As for his future, Graham made clear that he anticipated his demise as a door to a new life in heaven. "I'm looking forward to it — I really am," he said in 1995, in his late 70s. "I'll be happy the day the Lord says, 'Come on. I've got something better planned.' "

To be sure, Graham admitted that he did not look forward to the dying process itself. He said he had seen "some of the terrible things that happen to people that are dying. I don't want that."

But beyond the event itself stood heaven as a place of glorious fellowship with the Lord, saints and loved ones and invigorating work to do. "Think of a place where there will be no sorrow and no parting, no pain, no sickness, no death, no quarrels, no misunderstandings, no sin and no cares." The preacher even speculated about golf courses and beloved pets — whatever it took to make folks happy.
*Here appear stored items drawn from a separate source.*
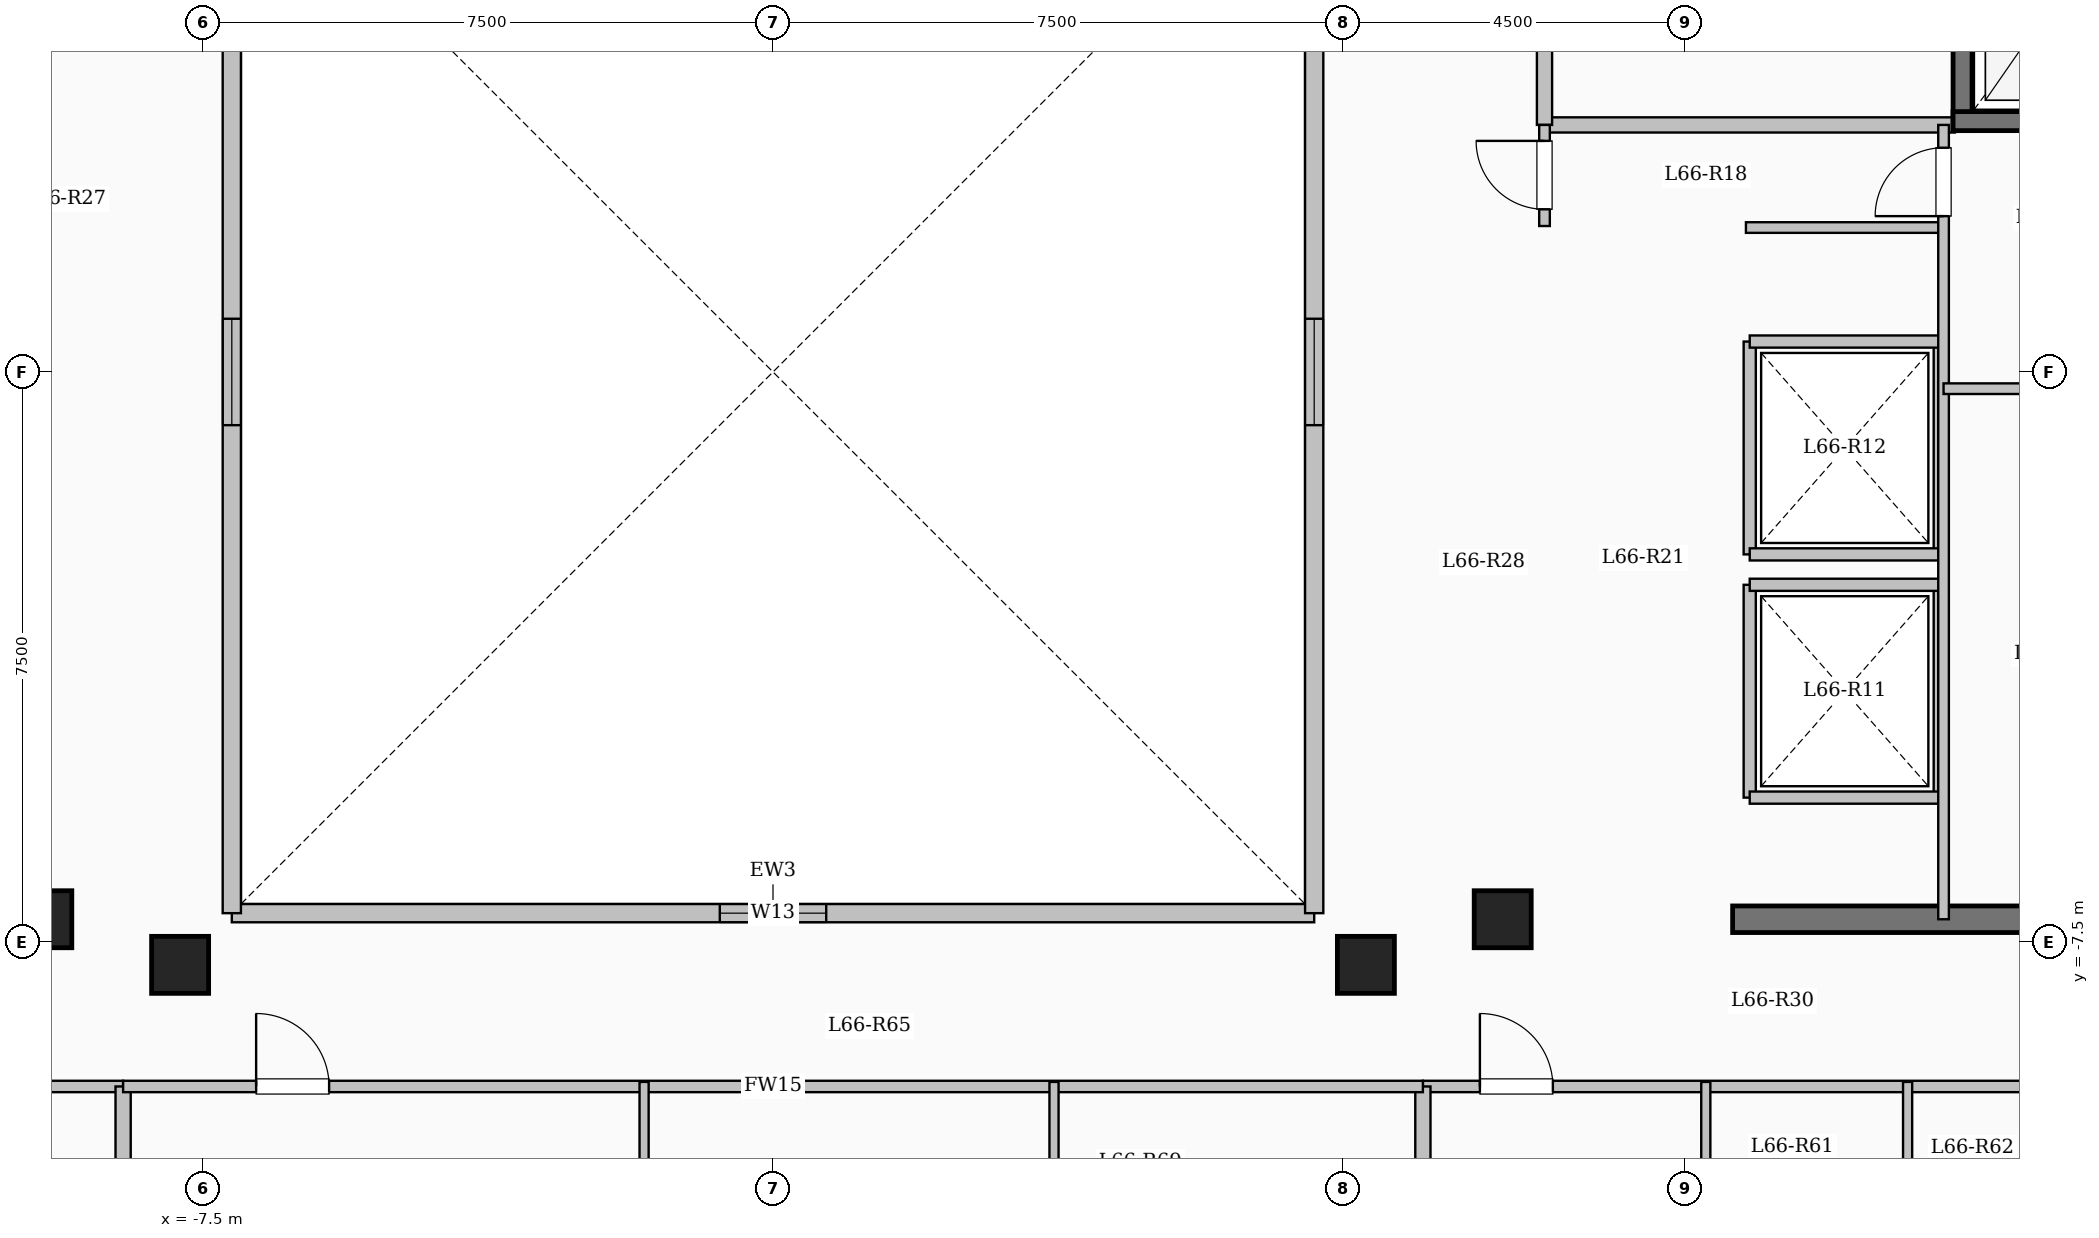
"""IFC4 building model, lengths in metres.
Left out: names, types, materials, properties, quantities, classifications, styles, units other than length and angle.
Written with IfcOpenShell. Run it as: python <this file> out.ifc"""

import sys

from ifc_helpers import new_model, si_unit, direction, frame, frame_2d, origin, origin_2d, place, context, subcontext, project, spatial, rectangle, extrude, element, fill, save


model = new_model("IFC4")
c1 = context("Model", 3, precision=1e-05, world=origin(), true_north=direction((0.0, 1.0)))
c2 = subcontext(c1, "Body", "Model", "MODEL_VIEW")
j1 = project(units=[si_unit("LENGTHUNIT", "METRE"), si_unit("PLANEANGLEUNIT", "RADIAN")], contexts=[c1])
p1 = place(None, origin())
s1 = spatial("IfcSite", under=j1, at=p1, CompositionType="ELEMENT")
p2 = place(p1, origin())
s2 = spatial("IfcBuilding", under=s1, at=p2, CompositionType="ELEMENT")
p3 = place(p2, frame((0.0, 0.0, 244.85)))
s3 = spatial("IfcBuildingStorey", under=s2, at=p3, CompositionType="ELEMENT", Elevation=244.85)
for number, where, z_axis, x_axis in (
    (1, (-7.8, -7.8, 0.0), (0.0, 0.0, 1.0), (1.0, 0.0, 0.0)),
    (2, (7.8, -7.8, 0.0), (0.0, 0.0, 1.0), (1.0, 0.0, 0.0)),
    (3, (-9.6, -7.2, 0.0), (0.0, 0.0, 1.0), (1.0, 0.0, 0.0)),
    (4, (9.6, -7.2, 0.0), (0.0, 0.0, 1.0), (1.0, 0.0, 0.0)),
):
    element("IfcColumn", number, at=place(p3, frame(where, z_axis=z_axis, x_axis=x_axis)), inside=s3, PredefinedType="COLUMN", context=c2, shape_type="SweptSolid", body=[
        extrude(rectangle(XDim=0.75, YDim=0.75, at=origin_2d()), origin(), (0.0, 0.0, 1.0), 3.35),
    ])
p4 = place(p3, frame((-7.12, -7.12, 0.0), z_axis=(0.0, 0.0, 1.0), x_axis=(1.0, 0.0, 0.0)))
e5 = element("IfcWall", 5, at=p4, inside=s3, PredefinedType="SOLIDWALL", context=c2, shape_type="SweptSolid", body=[
    extrude(rectangle(XDim=14.24, YDim=0.24, at=frame_2d((7.12, 0.0))), origin(), (0.0, 0.0, 1.0), 3.1),
])
p5 = place(p4, frame((6.42, 0.0, 0.95)))
e6 = element("IfcOpeningElement", 6, at=p5, cuts=e5, PredefinedType="OPENING", context=c2, shape_type="SweptSolid", body=[
    extrude(rectangle(XDim=1.4, YDim=1.5, at=frame_2d((0.7, 0.75))), frame((0.0, 0.13, 0.0), z_axis=(0.0, -1.0, 0.0), x_axis=(1.0, 0.0, 0.0)), (0.0, 0.0, 1.0), 0.26),
])
p6 = place(p3, frame((7.12, -7.12, 0.0), z_axis=(0.0, 0.0, 1.0), x_axis=(0.0, 1.0, 0.0)))
e7 = element("IfcWall", 7, at=p6, inside=s3, PredefinedType="SOLIDWALL", context=c2, shape_type="SweptSolid", body=[
    extrude(rectangle(XDim=14.24, YDim=0.24, at=frame_2d((7.12, 0.0))), origin(), (0.0, 0.0, 1.0), 3.1),
])
p7 = place(p6, frame((6.42, 0.0, 0.95)))
e8 = element("IfcOpeningElement", 8, at=p7, cuts=e7, PredefinedType="OPENING", context=c2, shape_type="SweptSolid", body=[
    extrude(rectangle(XDim=1.4, YDim=1.5, at=frame_2d((0.7, 0.75))), frame((0.0, 0.13, 0.0), z_axis=(0.0, -1.0, 0.0), x_axis=(1.0, 0.0, 0.0)), (0.0, 0.0, 1.0), 0.26),
])
p8 = place(p3, frame((-7.12, 7.12, 0.0), z_axis=(0.0, 0.0, 1.0), x_axis=(0.0, -1.0, 0.0)))
e9 = element("IfcWall", 9, at=p8, inside=s3, PredefinedType="SOLIDWALL", context=c2, shape_type="SweptSolid", body=[
    extrude(rectangle(XDim=14.24, YDim=0.24, at=frame_2d((7.12, 0.0))), origin(), (0.0, 0.0, 1.0), 3.1),
])
p9 = place(p8, frame((6.42, 0.0, 0.95)))
e10 = element("IfcOpeningElement", 10, at=p9, cuts=e9, PredefinedType="OPENING", context=c2, shape_type="SweptSolid", body=[
    extrude(rectangle(XDim=1.4, YDim=1.5, at=frame_2d((0.7, 0.75))), frame((0.0, 0.13, 0.0), z_axis=(0.0, -1.0, 0.0), x_axis=(1.0, 0.0, 0.0)), (0.0, 0.0, 1.0), 0.26),
])
p10 = place(p3, frame((10.15, 3.25, 0.0), z_axis=(0.0, 0.0, 1.0), x_axis=(1.0, 0.0, 0.0)))
e11 = element("IfcWall", 11, at=p10, inside=s3, PredefinedType="SOLIDWALL", context=c2, shape_type="SweptSolid", body=[
    extrude(rectangle(XDim=5.4, YDim=0.2, at=frame_2d((2.7, 0.0))), origin(), (0.0, 0.0, 1.0), 3.1),
])
p11 = place(p3, frame((10.15, 3.25, 0.0), z_axis=(0.0, 0.0, 1.0), x_axis=(0.0, 1.0, 0.0)))
e12 = element("IfcWall", 12, at=p11, inside=s3, PredefinedType="SOLIDWALL", context=c2, shape_type="SweptSolid", body=[
    extrude(rectangle(XDim=3.25, YDim=0.2, at=frame_2d((1.625, 0.0))), origin(), (0.0, 0.0, 1.0), 3.1),
])
p12 = place(p11, frame((1.1, 0.0, 0.0)))
e13 = element("IfcOpeningElement", 13, at=p12, cuts=e12, PredefinedType="OPENING", context=c2, shape_type="SweptSolid", body=[
    extrude(rectangle(XDim=1.02, YDim=2.15, at=frame_2d((0.51, 1.075))), frame((0.0, 0.11, 0.0), z_axis=(0.0, -1.0, 0.0), x_axis=(1.0, 0.0, 0.0)), (0.0, 0.0, 1.0), 0.22),
])
p13 = place(p3, frame((15.65, 3.175, 0.0), z_axis=(0.0, 0.0, 1.0), x_axis=(0.0, 1.0, 0.0)))
e14 = element("IfcWall", 14, at=p13, inside=s3, PredefinedType="SHEAR", context=c2, shape_type="SweptSolid", body=[
    extrude(rectangle(XDim=3.25, YDim=0.25, at=frame_2d((1.625, 0.0))), origin(), (0.0, 0.0, 1.0), 3.35),
])
p14 = place(p13, frame((1.075, 0.0, 0.0)))
e15 = element("IfcOpeningElement", 15, at=p14, cuts=e14, PredefinedType="OPENING", context=c2, shape_type="SweptSolid", body=[
    extrude(rectangle(XDim=1.1, YDim=2.15, at=frame_2d((0.55, 1.075))), frame((0.0, 0.135, 0.0), z_axis=(0.0, -1.0, 0.0), x_axis=(1.0, 0.0, 0.0)), (0.0, 0.0, 1.0), 0.27),
])
p15 = place(p3, frame((15.525, 3.3, 0.0), z_axis=(0.0, 0.0, 1.0), x_axis=(1.0, 0.0, 0.0)))
e16 = element("IfcWall", 16, at=p15, inside=s3, PredefinedType="SHEAR", context=c2, shape_type="SweptSolid", body=[
    extrude(rectangle(XDim=2.55, YDim=0.25, at=frame_2d((1.275, 0.0))), origin(), (0.0, 0.0, 1.0), 3.35),
])
for number, where, z_axis, x_axis in (
    (17, (12.85, -5.6, 0.0), (0.0, 0.0, 1.0), (0.0, 1.0, 0.0)),
    (18, (15.35, -5.6, 0.0), (0.0, 0.0, 1.0), (0.0, 1.0, 0.0)),
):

The journalist David Frost asked the mature Graham what he would want the first line of his obituary to say. "That he was faithful and that he had integrity," he replied. "And that I was faithful to my calling, and that I loved God with all mind, heart and soul." Frost wondered if Graham had questions he hoped to ask God in heaven. "Yes, thousands. Many things in Bible mysteries." He then added: "Some things in my life I would be embarrassed if anyone else saw. I would like God to edit the film."

If God needed to edit the film of Billy Graham's life, some readers undoubtedly thought, the rest of us were in big trouble.

Grant Wacker is Gilbert T. Rowe Professor of Christian History, emeritus, at Duke Divinity School. He is the author of "America's Pastor: Billy Graham and the Shaping of a Nation." He wrote this article for the Washington Post.